The poll, conducted by Galaxy and commissioned by Queensland Labor, surveyed 400 voters in Petrie by phone on the weekend as the global economy reeled from Britain’s shock decision to leave the European Union.
Labor’s primary vote has slumped by three per cent with most of this shifting to bolster the LNP’s support base.
Minor parties attracted about 20 per cent of the vote, with Family First and the Greens the biggest winners although preferences from these parties may cancel each other out.
The results deliver a significant boost to the LNP and suggest it will be almost impossible for Labor to win the seat.
LNP sources said their own polling suggests they are in a reasonable position in Petrie but stopped short of chalking the seat up as a win.
Despite previously talking up their chances of winning several seats in Queensland, Labor strategists now reckon their best outcome will be four extra seats to hold a third of the 30 in the state.
But pessimists in Labor fear they could lose up to two of their current seats — Griffith and Moreton — and the most likely outcome could be no net gain in the state.
Labor has not yet written off its targeted LNP seats in Brisbane but multiple party sources confirmed they had downgraded their chances of winning.
“The worst outcome would be to go backwards by two,” a senior Labor strategist said. “The best would be to pick up four. The truth might be somewhere in between.”
Three of the four most likely Labor gains are in central Queensland — Capricornia, Flynn and Dawson — where the mining downturn has hit towns hard. But Labor strategists are not confident of winning any of these seats.
One Labor source said the party was “throwing the kitchen sink” at the Gladstone-based seat of Flynn, where they have picked up a swing against MP Ken O’Dowd.

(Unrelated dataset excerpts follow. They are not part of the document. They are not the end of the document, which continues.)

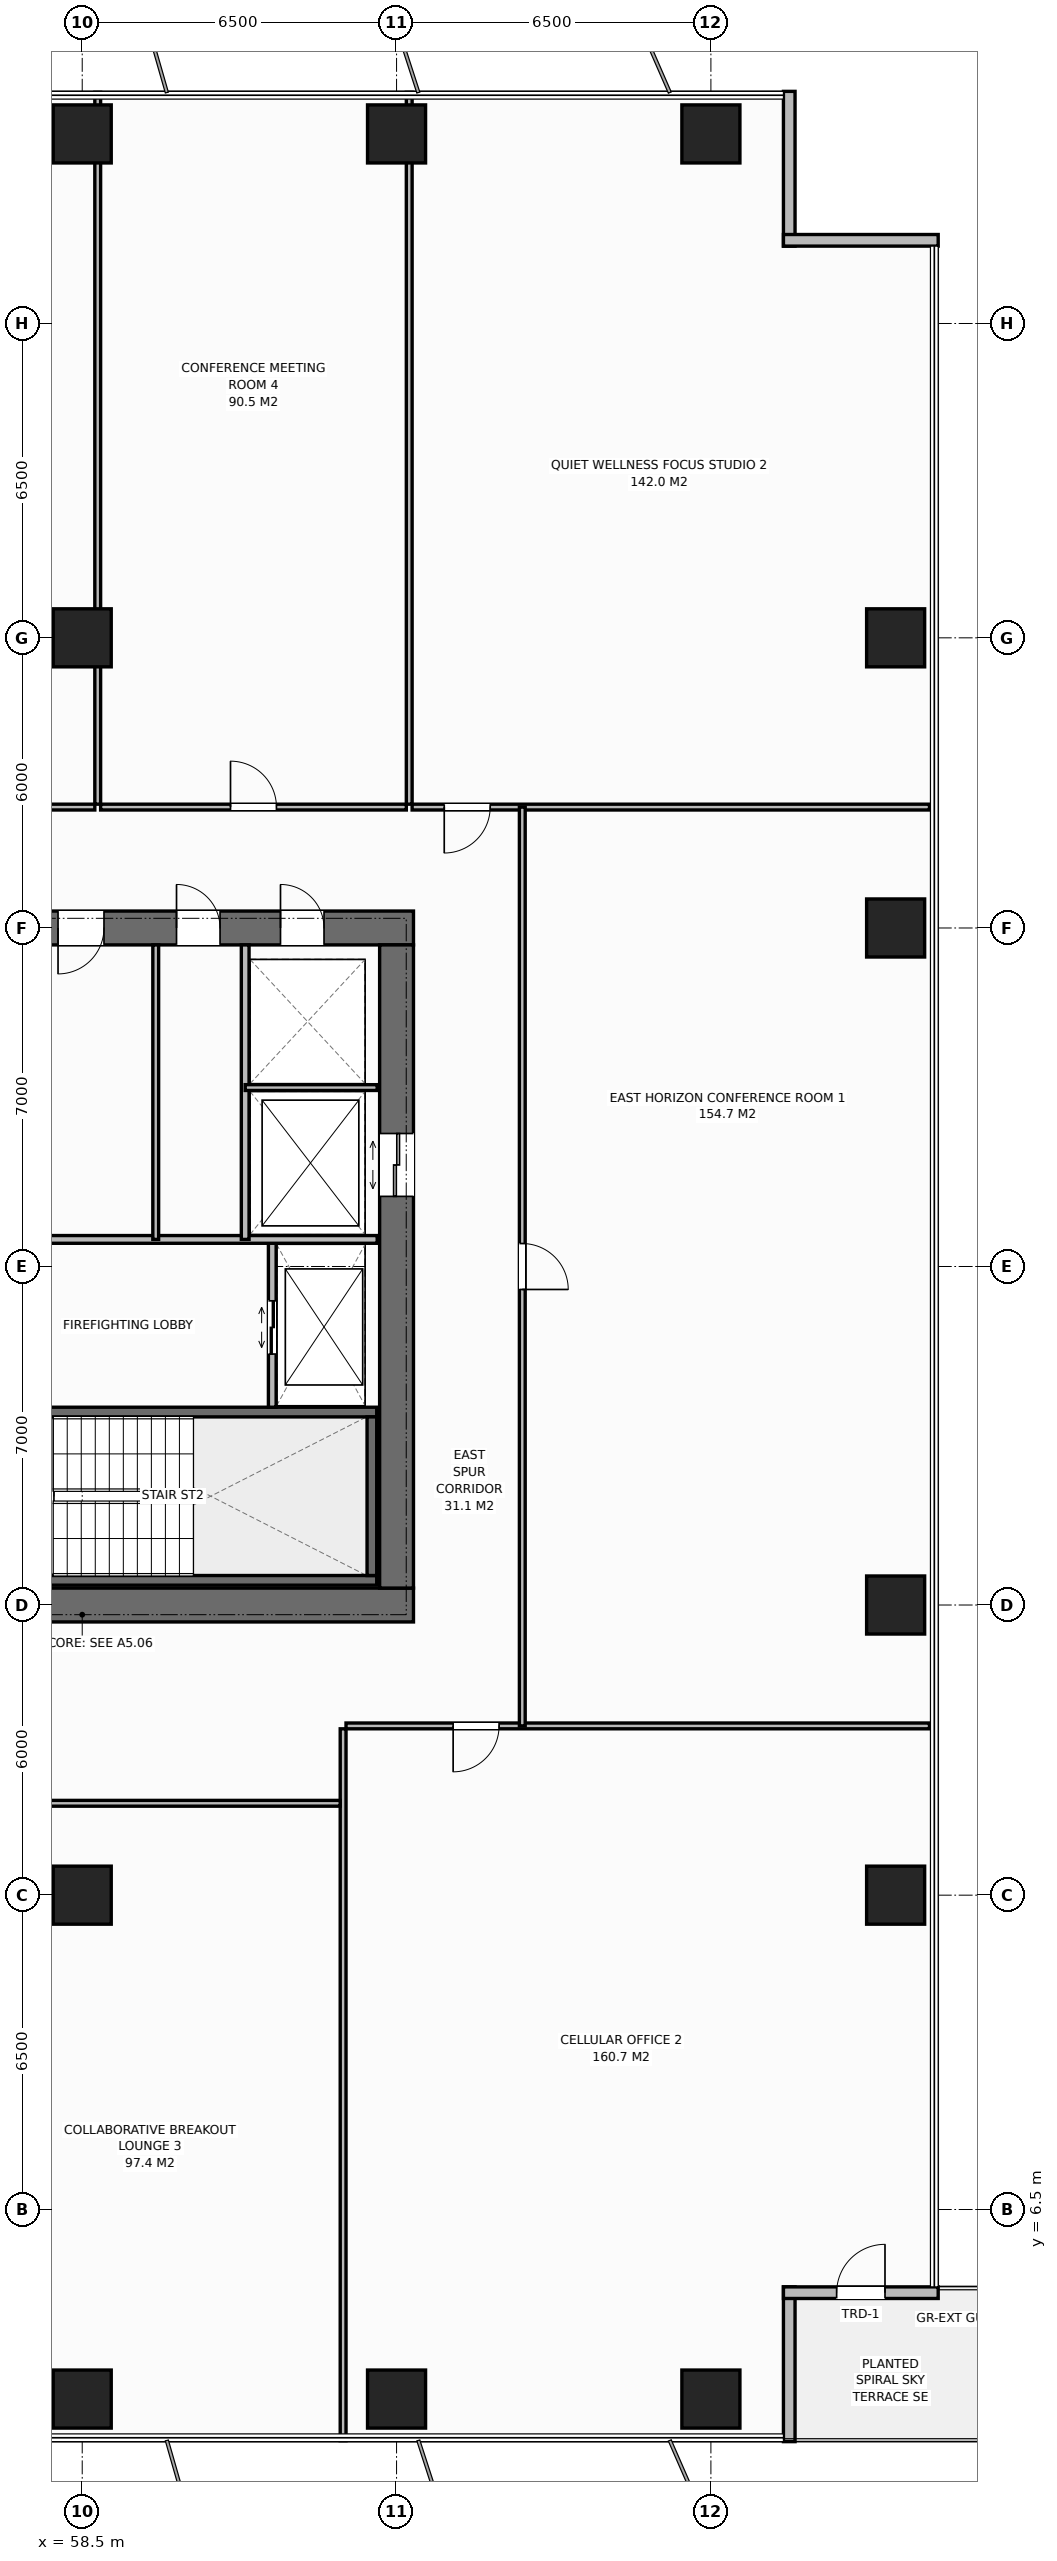
"""IFC4 building model, lengths in metres.
Left out: names, types, materials, properties, quantities, classifications, styles, units other than length and angle.
Written with IfcOpenShell. Run it as: python <this file> out.ifc"""

import sys

from ifc_helpers import new_model, si_unit, direction, frame, frame_2d, origin, origin_2d, place, context, subcontext, project, spatial, rectangle, extrude, element, fill, save


model = new_model("IFC4")
c1 = context("Model", 3, precision=1e-05, world=origin(), true_north=direction((0.0, 1.0)))
c2 = subcontext(c1, "Body", "Model", "MODEL_VIEW")
j1 = project(units=[si_unit("LENGTHUNIT", "METRE"), si_unit("PLANEANGLEUNIT", "RADIAN")], contexts=[c1])
p1 = place(None, origin())
s1 = spatial("IfcSite", under=j1, at=p1, CompositionType="ELEMENT")
p2 = place(p1, origin())
s2 = spatial("IfcBuilding", under=s1, at=p2, CompositionType="ELEMENT")
p3 = place(p2, frame((0.0, 0.0, 120.2)))
s3 = spatial("IfcBuildingStorey", under=s2, at=p3, CompositionType="ELEMENT", Elevation=120.2)
p4 = place(p3, frame((51.65, 19.0, 0.0), z_axis=(0.0, 0.0, 1.0), x_axis=(1.0, 0.0, 0.0)))
e1 = element("IfcWall", 1, at=p4, inside=s3, PredefinedType="SHEAR", context=c2, shape_type="SweptSolid", body=[
    extrude(rectangle(XDim=13.7, YDim=0.7, at=frame_2d((6.85, 0.0))), origin(), (0.0, 0.0, 1.0), 3.8),
])
p5 = place(p4, frame((3.07, 0.0, 0.0)))
e2 = element("IfcOpeningElement", 2, at=p5, cuts=e1, PredefinedType="OPENING", context=c2, shape_type="SweptSolid", body=[
    extrude(rectangle(XDim=1.4, YDim=2.2, at=frame_2d((0.7, 1.1))), frame((0.0, 0.36, 0.0), z_axis=(0.0, -1.0, 0.0), x_axis=(1.0, 0.0, 0.0)), (0.0, 0.0, 1.0), 0.72),
])
p6 = place(p3, frame((51.65, 33.0, 0.0), z_axis=(0.0, 0.0, 1.0), x_axis=(1.0, 0.0, 0.0)))
e3 = element("IfcWall", 3, at=p6, inside=s3, PredefinedType="SHEAR", context=c2, shape_type="SweptSolid", body=[
    extrude(rectangle(XDim=13.7, YDim=0.7, at=frame_2d((6.85, 0.0))), origin(), (0.0, 0.0, 1.0), 3.8),
])
p7 = place(p6, frame((3.07, 0.0, 0.0)))
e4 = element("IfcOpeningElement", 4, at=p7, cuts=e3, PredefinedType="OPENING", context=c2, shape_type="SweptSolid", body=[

In a sign of his hope of snatching the seat, Opposition Leader Bill Shorten (left) made a flying visit to Gladstone on Sunday for the second time of the campaign.
Labor insiders claim their best hope for a gain in Brisbane is in Wyatt Roy’s seat of Longman, but they concede this could be a stretch.
A surging vote for One Nation in Longman will advantage Labor because Pauline Hanson’s party is preferencing the Opposition in the seat.
One Nation is running split tickets in other seats but is directing preferences to Labor ahead of the LNP in Longman, where the minor party is attracting about 10 per cent of the vote.
Prime Minister Malcolm Turnbull yesterday campaigned in the inner city seat of Brisbane and in Petrie, where he mingled with shoppers at the North Lakes shopping centre.